PCF : vers un congrès moins autocentré
« Construire une - nouvelle cohérence de notre combat dans les conditions d’aujourd’hui » ; « faire un bilan de nos expériences passées » ; « travailler à donner un sens actuel à la visée d’émancipation humaine que nous appelons communisme » ; « construire un nouveau projet politique » ; « inventer de nouvelles formes de rassemblement en France, en Europe et dans le monde » ; « travailler à la nature et à l’ampleur des transformations de notre organisation et de son fonctionnement ». Ces quelques phrases, extraites de la résolution du Conseil national du PCF qui convoque le 34e Congrès pour les 11, 12, 13 et 14 décembre résument son objet affiché. La direction du PCF n’a pas renoncé à tout mettre sur la table, comme elle l’avait décidé il y a un an, après le choc d’avril 2007.
Lors de l’assemblée générale des délégués de section en décembre dernier, le débat s’était centré essentiellement sur la poursuite ou non de l’existence du PCF. Pour Nicolas Marchand, « le refus d’une dilution du PCF et notre attachement à l’existence du Parti sont une force, la base d’une unité très large ». Il en appelle, à partir de ce constat, à une « novation » d’ampleur. De son côté, Roger Martelli considère que le PCF vit une crise « structurelle ». « Ou bien on rénove, ce qui implique que l’on maintient pour l’essentiel la structure, explique l’historien communiste, ou bien on transforme, ce qui suppose de rompre, non pas avec le communisme mais une de ses formes historiques. » Sur la question de l’avenir du PCF, André Gerin, de son côté, réclame un « référendum au sein du Parti ».

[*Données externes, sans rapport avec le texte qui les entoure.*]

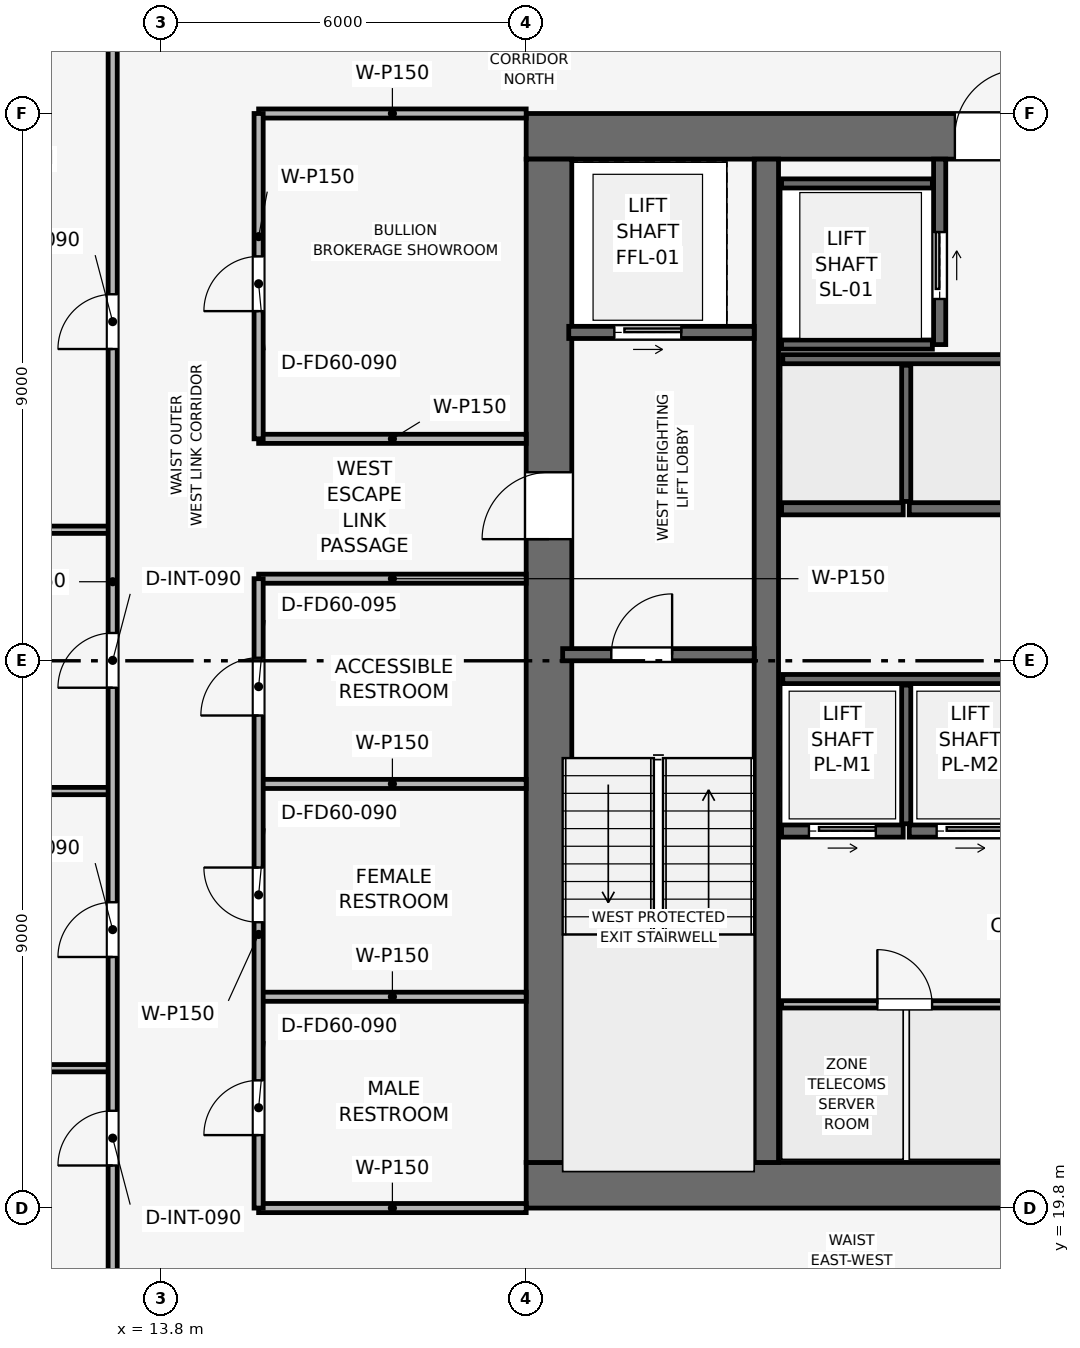
"""IFC4 building model, lengths in metres.
Left out: names, types, materials, properties, quantities, classifications, styles, units other than length and angle.
Written with IfcOpenShell. Run it as: python <this file> out.ifc"""

import sys

from ifc_helpers import new_model, si_unit, direction, frame, frame_2d, origin, place, context, subcontext, project, spatial, rectangle, extrude, element, fill, save


model = new_model("IFC4")
c1 = context("Model", 3, precision=1e-05, world=origin(), true_north=direction((0.0, 1.0)))
c2 = subcontext(c1, "Body", "Model", "MODEL_VIEW")
j1 = project(units=[si_unit("LENGTHUNIT", "METRE"), si_unit("PLANEANGLEUNIT", "RADIAN")], contexts=[c1])
p1 = place(None, origin())
s1 = spatial("IfcSite", under=j1, at=p1, CompositionType="ELEMENT")
p2 = place(p1, origin())
s2 = spatial("IfcBuilding", under=s1, at=p2, CompositionType="ELEMENT")
p3 = place(p2, frame((0.0, 0.0, 214.95)))
s3 = spatial("IfcBuildingStorey", under=s2, at=p3, CompositionType="ELEMENT", Elevation=214.95)
p4 = place(p3, frame((19.8, 20.175, 0.0), z_axis=(0.0, 0.0, 1.0), x_axis=(1.0, 0.0, 0.0)))
e1 = element("IfcWall", 1, at=p4, inside=s3, PredefinedType="SHEAR", context=c2, shape_type="SweptSolid", body=[
    extrude(rectangle(XDim=18.0, YDim=0.75, at=frame_2d((9.0, 0.0))), origin(), (0.0, 0.0, 1.0), 3.75),
])
p5 = place(p4, frame((8.4, 0.0, 0.0)))
e2 = element("IfcOpeningElement", 2, at=p5, cuts=e1, PredefinedType="OPENING", context=c2, shape_type="SweptSolid", body=[
    extrude(rectangle(XDim=1.2, YDim=2.2, at=frame_2d((0.6, 1.1))), frame((0.0, 0.385, 0.0), z_axis=(0.0, -1.0, 0.0), x_axis=(1.0, 0.0, 0.0)), (0.0, 0.0, 1.0), 0.77),
])
p6 = place(p3, frame((19.8, 37.425, 0.0), z_axis=(0.0, 0.0, 1.0), x_axis=(1.0, 0.0, 0.0)))
e3 = element("IfcWall", 3, at=p6, inside=s3, PredefinedType="SHEAR", context=c2, shape_type="SweptSolid", body=[
    extrude(rectangle(XDim=18.0, YDim=0.75, at=frame_2d((9.0, 0.0))), origin(), (0.0, 0.0, 1.0), 3.75),
])
p7 = place(p6, frame((7.05, 0.0, 0.0)))
e4 = element("IfcOpeningElement", 4, at=p7, cuts=e3, PredefinedType="OPENING", context=c2, shape_type="SweptSolid", body=[
    extrude(rectangle(XDim=1.1, YDim=2.15, at=frame_2d((0.55, 1.075))), frame((0.0, 0.385, 0.0), z_axis=(0.0, -1.0, 0.0), x_axis=(1.0, 0.0, 0.0)), (0.0, 0.0, 1.0), 0.77),
])
p8 = place(p3, frame((20.175, 20.55, 0.0), z_axis=(0.0, 0.0, 1.0), x_axis=(0.0, 1.0, 0.0)))
e5 = element("IfcWall", 5, at=p8, inside=s3, PredefinedType="SHEAR", context=c2, shape_type="SweptSolid", body=[
    extrude(rectangle(XDim=16.5, YDim=0.75, at=frame_2d((8.25, 0.0))), origin(), (0.0, 0.0, 1.0), 3.75),
])
p9 = place(p8, frame((10.25, 0.0, 0.0)))
e6 = element("IfcOpeningElement", 6, at=p9, cuts=e5, PredefinedType="OPENING", context=c2, shape_type="SweptSolid", body=[
    extrude(rectangle(XDim=1.1, YDim=2.15, at=frame_2d((0.55, 1.075))), frame((0.0, 0.385, 0.0), z_axis=(0.0, -1.0, 0.0), x_axis=(1.0, 0.0, 0.0)), (0.0, 0.0, 1.0), 0.77),
])
p10 = place(p3, frame((23.75, 20.55, 0.0), z_axis=(0.0, 0.0, 1.0), x_axis=(0.0, 1.0, 0.0)))
e7 = element("IfcWall", 7, at=p10, inside=s3, PredefinedType="SHEAR", context=c2, shape_type="SweptSolid", body=[
    extrude(rectangle(XDim=16.5, YDim=0.4, at=frame_2d((8.25, 0.0))), origin(), (0.0, 0.0, 1.0), 3.75),
])
p11 = place(p3, frame((20.4, 28.9, 0.0), z_axis=(0.0, 0.0, 1.0), x_axis=(1.0, 0.0, 0.0)))
e8 = element("IfcWall", 8, at=p11, inside=s3, PredefinedType="SHEAR", context=c2, shape_type="SweptSolid", body=[
    extrude(rectangle(XDim=3.15, YDim=0.2, at=frame_2d((1.575, 0.0))), origin(), (0.0, 0.0, 1.0), 3.5),
])
p12 = place(p11, frame((0.8, 0.0, 0.0)))
e9 = element("IfcOpeningElement", 9, at=p12, cuts=e8, PredefinedType="OPENING", context=c2, shape_type="SweptSolid", body=[
    extrude(rectangle(XDim=1.0, YDim=2.1, at=frame_2d((0.5, 1.05))), frame((0.0, 0.11, 0.0), z_axis=(0.0, -1.0, 0.0), x_axis=(1.0, 0.0, 0.0)), (0.0, 0.0, 1.0), 0.22),
])
p13 = place(p3, frame((20.5, 34.2, 0.0), z_axis=(0.0, 0.0, 1.0), x_axis=(1.0, 0.0, 0.0)))
e10 = element("IfcWall", 10, at=p13, inside=s3, PredefinedType="SHEAR", context=c2, shape_type="SweptSolid", body=[
    extrude(rectangle(XDim=3.05, YDim=0.2, at=frame_2d((1.525, 0.0))), origin(), (0.0, 0.0, 1.0), 3.5),
])
p14 = place(p13, frame((0.75, 0.0, 0.0)))
e11 = element("IfcOpeningElement", 11, at=p14, cuts=e10, PredefinedType="OPENING", context=c2, shape_type="SweptSolid", body=[
    extrude(rectangle(XDim=1.1, YDim=2.15, at=frame_2d((0.55, 1.075))), frame((0.0, 0.11, 0.0), z_axis=(0.0, -1.0, 0.0), x_axis=(1.0, 0.0, 0.0)), (0.0, 0.0, 1.0), 0.22),
])
p15 = place(p3, frame((26.6, 34.0, 0.0), z_axis=(0.0, 0.0, 1.0), x_axis=(0.0, 1.0, 0.0)))
e12 = element("IfcWall", 12, at=p15, inside=s3, PredefinedType="SHEAR", context=c2, shape_type="SweptSolid", body=[
    extrude(rectangle(XDim=3.05, YDim=0.2, at=frame_2d((1.525, 0.0))), origin(), (0.0, 0.0, 1.0), 3.5),
])
p16 = place(p15, frame((0.75, 0.0, 0.0)))
e13 = element("IfcOpeningElement", 13, at=p16, cuts=e12, PredefinedType="OPENING", context=c2, shape_type="SweptSolid", body=[
    extrude(rectangle(XDim=1.1, YDim=2.15, at=frame_2d((0.55, 1.075))), frame((0.0, 0.11, 0.0), z_axis=(0.0, -1.0, 0.0), x_axis=(1.0, 0.0, 0.0)), (0.0, 0.0, 1.0), 0.22),
])
for number, where, z_axis, x_axis in (
    (14, (24.0, 34.0, 0.0), (0.0, 0.0, 1.0), (1.0, 0.0, 0.0)),
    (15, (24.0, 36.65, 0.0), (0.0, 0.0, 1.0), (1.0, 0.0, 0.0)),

Mais le débat s’est quelque peu déplacé. Sans - reléguer la question de l’existence du PCF au second plan, le « projet politique » et la question du « rassemblement » tiennent désormais la corde. Un travail de fond s’est engagé : regards nouveaux sur l’état du monde, recherches d’un nouveau mode de développement, réflexions sur la place du travail dans la révolution informationnelle, sur le défi européen, sur la construction de « fronts » de lutte politique… Autant d’avancées nouvelles qui, si elles étaient poussées, permettraient peut-être de donner un nouveau souffle.
Le PCF s’inquiète que la gauche, au moment où la droite accélère ses contre-réformes, assiste comme impuissante au glissement autoritaire du pouvoir sarkozyste. « Il y a urgence que se lève un débat à gauche car l’absence de perspective politique est le principal obstacle à une forte mobilisation populaire contre Sarkozy », alerte Marie-George Buffet. « Urgence » et « am- bition » sont devenus les mots repères de certaines contributions adressées à la tribune de discussion du congrès. Pour elles, le Parti communiste, son réseau de militants et d’élus doivent montrer leur utilité pour faire face à cette situation. « Si nous ne réussissons pas à donner un nouvel élan à notre combat politique, (…) c’est un des atouts du mouvement populaire dans notre pays qui disparaîtrait », lance Patrice Cohen-Seat. « Nous ne sommes pas devant un mur infranchissable mais devant un problème politique », insiste-t-il. Cette vision plaide pour que le congrès formule, selon Olivier Dartigolles, « une offre politique pour un espoir qui peut être à portée de main, qui peut se réaliser ». Quant aux transformations du PCF lui-même, le porte-parole du PCF estime qu’elles n’ont de sens « qu’au regard de l’urgence d’une bien plus grande efficacité politique pour contribuer à faire reculer les rapports d’exploitation et de domination ».
Cette entreprise se heurte cependant au moins à deux difficultés majeures. La première est que la recherche d’un tel projet n’est guère partagée dans le paysage politique à gauche. La seconde tient au fait que la direction du PCF, obnubilée par ses divisions, n’a pas jusqu’à présent réussi à concevoir d’initiatives audacieuses pour sortir la gauche de l’impasse.